- Born: 24 December 1923 Tirana, Principality of Albania
- Died: 17 August 1993 (aged 69) Cannes, France
- Spouse: Munira Sabri ​ ​(m. 1952; div. 1970)​
- Father: Ceno Bey Kryeziu
- Mother: Nafije Zogu

= Tati, Prince of Kosovo =

Tati Essad Murad Kryeziu, Prince of Kosova (24 December 1923 – 17 August 1993) was the heir presumptive to the throne of Albania from the creation of monarchy, under King Zog I, on 1 September 1928 prior to the birth of Crown Prince Leka on 5 April 1939.
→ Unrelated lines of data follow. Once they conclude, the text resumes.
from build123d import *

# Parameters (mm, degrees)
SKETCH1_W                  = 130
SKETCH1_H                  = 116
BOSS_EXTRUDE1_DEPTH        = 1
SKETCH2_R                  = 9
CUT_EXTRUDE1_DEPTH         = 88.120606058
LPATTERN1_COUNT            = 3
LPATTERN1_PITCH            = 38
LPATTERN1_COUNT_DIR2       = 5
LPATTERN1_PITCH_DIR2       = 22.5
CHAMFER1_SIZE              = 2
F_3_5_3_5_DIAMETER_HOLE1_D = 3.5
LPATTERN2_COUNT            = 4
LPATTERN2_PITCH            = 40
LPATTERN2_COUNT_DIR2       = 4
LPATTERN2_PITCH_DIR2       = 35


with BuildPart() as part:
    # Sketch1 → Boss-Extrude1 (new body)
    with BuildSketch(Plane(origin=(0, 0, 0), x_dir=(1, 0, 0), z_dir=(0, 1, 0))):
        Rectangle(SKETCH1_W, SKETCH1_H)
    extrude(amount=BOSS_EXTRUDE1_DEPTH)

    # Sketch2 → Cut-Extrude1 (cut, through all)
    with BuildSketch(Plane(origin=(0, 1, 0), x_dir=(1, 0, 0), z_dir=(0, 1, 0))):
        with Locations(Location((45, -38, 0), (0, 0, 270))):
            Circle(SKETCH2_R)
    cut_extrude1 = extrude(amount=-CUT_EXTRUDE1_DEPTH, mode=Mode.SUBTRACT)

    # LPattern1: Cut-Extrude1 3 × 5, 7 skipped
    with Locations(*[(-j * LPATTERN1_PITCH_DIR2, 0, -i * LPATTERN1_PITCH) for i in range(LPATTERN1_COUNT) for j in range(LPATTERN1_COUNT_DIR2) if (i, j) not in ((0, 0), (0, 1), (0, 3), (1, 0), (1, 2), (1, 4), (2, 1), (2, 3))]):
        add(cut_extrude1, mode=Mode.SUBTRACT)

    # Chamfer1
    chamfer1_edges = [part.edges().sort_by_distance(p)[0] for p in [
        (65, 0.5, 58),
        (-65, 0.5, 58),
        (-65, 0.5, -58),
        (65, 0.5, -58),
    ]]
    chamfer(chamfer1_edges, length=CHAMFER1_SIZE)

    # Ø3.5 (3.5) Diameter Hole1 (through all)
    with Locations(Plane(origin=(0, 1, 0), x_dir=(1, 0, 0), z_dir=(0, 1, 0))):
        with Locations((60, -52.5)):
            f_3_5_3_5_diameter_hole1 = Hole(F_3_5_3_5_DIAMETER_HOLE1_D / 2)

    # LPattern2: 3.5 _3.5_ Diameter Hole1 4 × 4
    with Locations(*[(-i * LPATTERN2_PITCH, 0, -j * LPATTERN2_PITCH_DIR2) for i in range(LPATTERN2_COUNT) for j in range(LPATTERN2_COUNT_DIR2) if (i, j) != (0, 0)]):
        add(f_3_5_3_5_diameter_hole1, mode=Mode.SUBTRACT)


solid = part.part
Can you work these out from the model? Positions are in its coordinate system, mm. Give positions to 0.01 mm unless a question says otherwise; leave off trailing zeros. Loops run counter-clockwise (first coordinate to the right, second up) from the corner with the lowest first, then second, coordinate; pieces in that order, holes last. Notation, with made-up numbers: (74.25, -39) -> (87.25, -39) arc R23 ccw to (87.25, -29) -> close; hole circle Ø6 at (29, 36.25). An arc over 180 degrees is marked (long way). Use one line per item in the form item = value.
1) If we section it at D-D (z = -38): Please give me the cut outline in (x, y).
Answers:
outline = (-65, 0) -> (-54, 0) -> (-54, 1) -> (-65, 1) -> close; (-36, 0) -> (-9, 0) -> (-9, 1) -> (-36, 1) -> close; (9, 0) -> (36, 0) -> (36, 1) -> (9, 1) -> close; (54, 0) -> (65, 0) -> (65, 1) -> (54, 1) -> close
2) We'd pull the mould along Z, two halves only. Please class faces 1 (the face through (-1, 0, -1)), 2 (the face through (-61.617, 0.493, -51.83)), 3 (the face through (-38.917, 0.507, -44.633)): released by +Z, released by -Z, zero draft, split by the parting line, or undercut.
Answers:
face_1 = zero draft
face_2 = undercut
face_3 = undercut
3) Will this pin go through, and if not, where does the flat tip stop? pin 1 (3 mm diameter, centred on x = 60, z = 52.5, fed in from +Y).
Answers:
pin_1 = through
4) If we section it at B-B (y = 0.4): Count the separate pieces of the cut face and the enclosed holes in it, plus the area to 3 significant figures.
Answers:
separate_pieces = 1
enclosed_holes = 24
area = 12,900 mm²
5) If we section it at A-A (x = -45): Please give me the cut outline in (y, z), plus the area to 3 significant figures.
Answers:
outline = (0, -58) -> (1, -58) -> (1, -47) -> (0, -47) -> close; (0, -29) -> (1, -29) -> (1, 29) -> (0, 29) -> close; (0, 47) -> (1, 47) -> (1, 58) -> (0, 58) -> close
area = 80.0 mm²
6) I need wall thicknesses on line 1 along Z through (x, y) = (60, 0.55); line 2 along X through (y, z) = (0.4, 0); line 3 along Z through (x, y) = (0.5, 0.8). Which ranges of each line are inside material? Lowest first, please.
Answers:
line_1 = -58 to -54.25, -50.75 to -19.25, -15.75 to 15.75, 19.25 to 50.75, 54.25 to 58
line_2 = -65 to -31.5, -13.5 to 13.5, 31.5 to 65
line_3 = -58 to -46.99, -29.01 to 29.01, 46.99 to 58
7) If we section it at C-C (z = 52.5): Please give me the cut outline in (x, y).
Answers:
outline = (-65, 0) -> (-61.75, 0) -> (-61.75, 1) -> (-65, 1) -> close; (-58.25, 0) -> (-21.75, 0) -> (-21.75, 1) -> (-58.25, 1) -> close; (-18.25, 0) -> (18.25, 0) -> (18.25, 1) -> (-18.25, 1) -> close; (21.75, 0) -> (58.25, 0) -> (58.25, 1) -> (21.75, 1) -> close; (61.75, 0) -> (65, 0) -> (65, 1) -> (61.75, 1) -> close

Tati Kryeziu was born in Tirana, the son of Princess Nafijé Zogu and Ceno Bey Kryeziu. His uncle presented Tati as a potential successor; Tati was made a general at the age of four and was often featured in official photographs, standing beside King Zog in military dress.

In 1931, he was created Prince of Kosova (Princ i Kosovës), with the style of His Highness , as heir presumptive to the Albanian throne (1928–1939).

He married, as her second husband, Munira Fawzi née Sabri, a relative of Queen Nazli of Egypt, at Cannes, France, on 24 February 1952. They divorced in 1970. He died in Cannes, France, on 17 August 1993 without issue.